# For Ruth - Folicle size



## superted (Sep 21, 2004)

Ruth 

Is it normal for follies to grow so differently .  Mine currently range from 10 mm to 25 mm.  One at 25 mm then 4 between 14 - 18 mm and 5 around 10- 12 mm.

Bit worried as this i my first IVF cycle.  Do the follies stop at a certain size and so the others catch up.  I feel that the largest one is taking all the energy if you know what I mean away from the others.

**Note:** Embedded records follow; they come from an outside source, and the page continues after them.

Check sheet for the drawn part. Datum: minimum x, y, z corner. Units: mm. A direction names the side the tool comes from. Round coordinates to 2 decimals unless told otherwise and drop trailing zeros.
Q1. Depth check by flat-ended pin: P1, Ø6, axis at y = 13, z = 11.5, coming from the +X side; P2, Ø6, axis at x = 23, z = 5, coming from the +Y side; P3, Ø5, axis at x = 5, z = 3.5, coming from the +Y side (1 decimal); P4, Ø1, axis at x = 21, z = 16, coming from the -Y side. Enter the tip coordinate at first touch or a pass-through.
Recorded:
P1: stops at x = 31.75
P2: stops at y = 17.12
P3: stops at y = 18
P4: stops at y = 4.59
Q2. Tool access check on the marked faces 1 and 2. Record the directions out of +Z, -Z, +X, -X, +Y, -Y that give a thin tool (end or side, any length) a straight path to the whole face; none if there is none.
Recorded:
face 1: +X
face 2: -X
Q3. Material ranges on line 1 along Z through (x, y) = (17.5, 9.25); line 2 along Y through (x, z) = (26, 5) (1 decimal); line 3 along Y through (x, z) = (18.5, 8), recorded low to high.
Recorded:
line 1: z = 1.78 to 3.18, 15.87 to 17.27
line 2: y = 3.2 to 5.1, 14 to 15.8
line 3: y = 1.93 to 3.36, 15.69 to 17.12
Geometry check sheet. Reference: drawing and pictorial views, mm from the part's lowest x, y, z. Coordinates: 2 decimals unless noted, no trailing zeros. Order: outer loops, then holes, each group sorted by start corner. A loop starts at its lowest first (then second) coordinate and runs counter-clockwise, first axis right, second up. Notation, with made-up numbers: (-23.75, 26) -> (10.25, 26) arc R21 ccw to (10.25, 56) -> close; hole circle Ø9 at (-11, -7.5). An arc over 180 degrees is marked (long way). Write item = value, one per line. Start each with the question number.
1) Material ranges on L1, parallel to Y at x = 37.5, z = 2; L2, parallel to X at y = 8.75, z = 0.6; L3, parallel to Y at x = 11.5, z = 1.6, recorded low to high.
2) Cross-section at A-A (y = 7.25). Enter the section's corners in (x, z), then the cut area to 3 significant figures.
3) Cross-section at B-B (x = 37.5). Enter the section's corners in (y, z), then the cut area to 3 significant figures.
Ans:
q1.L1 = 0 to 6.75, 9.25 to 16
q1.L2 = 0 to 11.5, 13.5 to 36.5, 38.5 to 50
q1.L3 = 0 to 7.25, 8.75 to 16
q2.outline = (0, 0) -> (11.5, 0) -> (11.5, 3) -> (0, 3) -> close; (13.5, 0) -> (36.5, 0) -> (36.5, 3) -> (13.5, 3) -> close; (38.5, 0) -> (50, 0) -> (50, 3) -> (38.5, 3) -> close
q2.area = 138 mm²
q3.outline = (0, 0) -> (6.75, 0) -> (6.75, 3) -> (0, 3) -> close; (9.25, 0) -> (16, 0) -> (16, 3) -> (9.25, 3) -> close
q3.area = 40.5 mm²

Can you help.  I have 2 more days of gonal f then take my trigger injection Sunday night for EC on Tuesday morning.

Thank you

Superted


----------



## natalie34 (Jun 7, 2004)

Hi Superted,

I'm not really sure but all I can tell you is from my experience.

I had 8 follies all ranging from 21.5mm to 16mm and the 16mm didn't grow any bigger when it came to EC.

In the last few days most of mine shot up from 12-14mm to 16 - 21.5mm. 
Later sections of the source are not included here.